Background: I have 30 days data in 30 separate compressed files stored in google storage. I have to write them to a BigQuery table in 30 different partitions in the same table. Each compressed file size was around 750MB.
I did 2 experiments on the same data set on Google Dataflow today.
Experiment 1: I read each day's compressed file using TextIO, applied a simple ParDo transform to prepare TableRow objects and wrote them directly to BigQuery using BigQueryIO. So basically 30 pairs of parallel unconnected sources and and sinks got created. But I found that at any point of time, only 3 files were read, transformed and written to BigQuery.
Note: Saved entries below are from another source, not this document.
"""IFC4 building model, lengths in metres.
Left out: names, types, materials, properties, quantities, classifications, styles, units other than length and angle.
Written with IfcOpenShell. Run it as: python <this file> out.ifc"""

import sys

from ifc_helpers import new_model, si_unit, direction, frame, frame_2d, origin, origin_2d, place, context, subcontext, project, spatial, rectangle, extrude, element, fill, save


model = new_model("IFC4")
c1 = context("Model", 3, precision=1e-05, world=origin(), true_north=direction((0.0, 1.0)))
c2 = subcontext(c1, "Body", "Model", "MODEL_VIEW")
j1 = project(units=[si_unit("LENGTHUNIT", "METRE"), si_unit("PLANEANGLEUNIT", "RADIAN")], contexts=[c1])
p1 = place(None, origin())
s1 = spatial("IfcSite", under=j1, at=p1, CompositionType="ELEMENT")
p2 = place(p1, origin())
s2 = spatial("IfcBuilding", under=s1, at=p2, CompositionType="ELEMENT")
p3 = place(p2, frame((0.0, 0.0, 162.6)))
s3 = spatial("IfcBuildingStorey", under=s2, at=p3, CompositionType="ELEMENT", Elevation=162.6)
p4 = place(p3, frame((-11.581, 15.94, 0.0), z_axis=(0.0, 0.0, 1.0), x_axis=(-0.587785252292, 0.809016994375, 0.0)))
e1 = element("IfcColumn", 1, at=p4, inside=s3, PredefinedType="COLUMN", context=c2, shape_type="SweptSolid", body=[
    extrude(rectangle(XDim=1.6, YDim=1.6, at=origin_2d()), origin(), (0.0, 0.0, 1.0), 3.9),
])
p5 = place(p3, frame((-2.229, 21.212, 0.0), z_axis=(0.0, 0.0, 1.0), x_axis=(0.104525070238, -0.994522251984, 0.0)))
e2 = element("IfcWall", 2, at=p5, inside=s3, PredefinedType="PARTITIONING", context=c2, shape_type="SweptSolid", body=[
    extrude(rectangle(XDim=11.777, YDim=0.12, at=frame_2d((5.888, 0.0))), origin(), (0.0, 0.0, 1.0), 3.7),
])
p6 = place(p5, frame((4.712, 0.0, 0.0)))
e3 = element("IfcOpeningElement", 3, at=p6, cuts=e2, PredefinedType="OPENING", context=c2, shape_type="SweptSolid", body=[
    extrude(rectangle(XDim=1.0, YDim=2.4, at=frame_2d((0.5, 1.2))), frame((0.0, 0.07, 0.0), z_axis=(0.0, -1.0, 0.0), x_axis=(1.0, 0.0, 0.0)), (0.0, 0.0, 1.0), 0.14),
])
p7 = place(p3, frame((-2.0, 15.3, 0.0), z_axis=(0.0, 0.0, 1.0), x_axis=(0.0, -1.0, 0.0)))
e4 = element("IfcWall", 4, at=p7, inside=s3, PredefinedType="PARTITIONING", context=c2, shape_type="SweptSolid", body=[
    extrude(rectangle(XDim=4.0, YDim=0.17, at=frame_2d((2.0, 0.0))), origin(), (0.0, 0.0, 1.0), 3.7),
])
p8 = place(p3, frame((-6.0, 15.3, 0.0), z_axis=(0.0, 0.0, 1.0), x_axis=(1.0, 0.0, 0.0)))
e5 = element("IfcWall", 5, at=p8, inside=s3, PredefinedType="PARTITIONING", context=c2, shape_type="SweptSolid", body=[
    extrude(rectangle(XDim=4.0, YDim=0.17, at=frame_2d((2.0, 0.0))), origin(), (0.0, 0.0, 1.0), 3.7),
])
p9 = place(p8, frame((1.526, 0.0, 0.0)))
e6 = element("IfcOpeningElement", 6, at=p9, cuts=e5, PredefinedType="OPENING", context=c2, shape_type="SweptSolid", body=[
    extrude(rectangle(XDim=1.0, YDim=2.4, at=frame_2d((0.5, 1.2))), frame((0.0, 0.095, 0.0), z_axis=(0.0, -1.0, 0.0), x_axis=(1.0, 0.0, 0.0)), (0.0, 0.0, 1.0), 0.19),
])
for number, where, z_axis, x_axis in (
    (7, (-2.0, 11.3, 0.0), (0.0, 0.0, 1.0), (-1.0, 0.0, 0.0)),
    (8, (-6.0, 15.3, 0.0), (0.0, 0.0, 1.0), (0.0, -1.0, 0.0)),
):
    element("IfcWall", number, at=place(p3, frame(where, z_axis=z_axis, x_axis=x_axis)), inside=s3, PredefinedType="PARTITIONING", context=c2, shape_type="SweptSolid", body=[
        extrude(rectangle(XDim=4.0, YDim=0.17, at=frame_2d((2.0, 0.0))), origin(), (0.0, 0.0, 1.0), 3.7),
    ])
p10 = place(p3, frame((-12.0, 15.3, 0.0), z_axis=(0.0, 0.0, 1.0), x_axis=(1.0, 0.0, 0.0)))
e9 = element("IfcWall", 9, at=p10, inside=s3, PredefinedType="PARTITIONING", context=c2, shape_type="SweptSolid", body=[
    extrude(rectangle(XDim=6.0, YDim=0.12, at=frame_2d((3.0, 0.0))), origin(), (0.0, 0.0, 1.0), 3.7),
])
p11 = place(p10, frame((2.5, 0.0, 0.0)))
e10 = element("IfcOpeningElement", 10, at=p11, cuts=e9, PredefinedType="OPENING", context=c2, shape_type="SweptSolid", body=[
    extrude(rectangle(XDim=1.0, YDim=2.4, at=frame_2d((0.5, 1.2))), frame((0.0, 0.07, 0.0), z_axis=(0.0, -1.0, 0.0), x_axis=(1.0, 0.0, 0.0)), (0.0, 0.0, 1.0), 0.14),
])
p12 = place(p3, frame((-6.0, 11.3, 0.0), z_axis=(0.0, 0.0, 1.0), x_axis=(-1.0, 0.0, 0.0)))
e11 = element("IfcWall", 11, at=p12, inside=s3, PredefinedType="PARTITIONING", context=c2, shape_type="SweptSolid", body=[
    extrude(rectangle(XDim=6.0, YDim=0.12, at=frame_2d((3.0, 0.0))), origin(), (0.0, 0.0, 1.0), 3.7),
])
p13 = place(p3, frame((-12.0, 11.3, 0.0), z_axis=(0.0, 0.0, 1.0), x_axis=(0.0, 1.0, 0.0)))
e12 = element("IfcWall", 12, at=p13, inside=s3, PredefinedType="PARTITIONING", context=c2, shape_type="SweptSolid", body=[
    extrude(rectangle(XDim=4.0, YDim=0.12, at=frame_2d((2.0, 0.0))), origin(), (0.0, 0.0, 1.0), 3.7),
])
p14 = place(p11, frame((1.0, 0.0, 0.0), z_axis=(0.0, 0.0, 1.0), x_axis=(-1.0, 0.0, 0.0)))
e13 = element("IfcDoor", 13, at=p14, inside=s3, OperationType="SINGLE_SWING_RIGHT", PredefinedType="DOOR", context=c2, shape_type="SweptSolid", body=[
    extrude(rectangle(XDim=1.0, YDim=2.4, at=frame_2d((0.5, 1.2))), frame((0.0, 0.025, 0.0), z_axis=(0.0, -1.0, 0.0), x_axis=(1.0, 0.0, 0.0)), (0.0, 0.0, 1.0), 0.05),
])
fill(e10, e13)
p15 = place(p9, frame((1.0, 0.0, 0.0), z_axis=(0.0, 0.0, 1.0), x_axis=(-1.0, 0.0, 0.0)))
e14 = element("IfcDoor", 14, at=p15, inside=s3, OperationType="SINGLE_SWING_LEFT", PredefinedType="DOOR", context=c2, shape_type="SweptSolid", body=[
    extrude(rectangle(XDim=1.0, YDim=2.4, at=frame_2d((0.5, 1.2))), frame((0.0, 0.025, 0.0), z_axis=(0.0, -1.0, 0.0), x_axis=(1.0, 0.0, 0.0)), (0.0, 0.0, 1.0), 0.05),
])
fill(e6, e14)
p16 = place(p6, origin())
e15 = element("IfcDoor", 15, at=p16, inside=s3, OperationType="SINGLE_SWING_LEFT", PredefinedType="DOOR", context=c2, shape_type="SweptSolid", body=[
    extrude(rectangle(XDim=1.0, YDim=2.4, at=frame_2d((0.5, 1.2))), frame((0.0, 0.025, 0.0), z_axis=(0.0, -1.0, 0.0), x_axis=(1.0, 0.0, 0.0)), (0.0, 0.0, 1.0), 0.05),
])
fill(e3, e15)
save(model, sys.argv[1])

The ParDo transformation and BigQuery writing speed of Google Dataflow was around 6000-8000 elements/sec at any point in time. So only 3 source and sinks were being processed out of 30 at any time which significantly slowed the process. In over 90 minutes only 7 out 30 files were written to separate BigQuery partitions of a table.
Experiment 2: Here I first read each day's data from the same compressed file for 30 days, applied ParDo transformation on these the 30 PCollections and stored these 30 resultant Pcollections in a PCollectionList object. All these 30 TextIO sources were being read in parallel. Now I wrote each PCollection corresponding to each day's data in the PCollectionList to BigQuery using BigQueryIO directly. So 30 sinks were being written into again in parallel. I found that out of 30 parallel sources, again only 3 sources were being read and applied ParDo transformation at a speed of around 20000 elements/sec. At the time of writing of this question when 1 hr had already elapsed, reading from the all the compressed file had not even read completely 50% of the files and writing to the BigQuery table partitions had not even started.
These problems seem to occur only when Google Dataflow reads compressed files. I had asked a question about its slow reading from compressed files(Relatively poor performance when reading compressed files vis a vis normal text files kept in google storage using google dataflow) and was told that parallelizing work would make reading faster as only 1 worker reads a compressed file and multiple sources would mean multiple workers being given chance to read multiple files. But this also does not seem to be working.
Is there any way to speed up this whole process of reading from multiple compressed files and writing to separate partitions of the same table in BigQuery in dataflow job at the same time?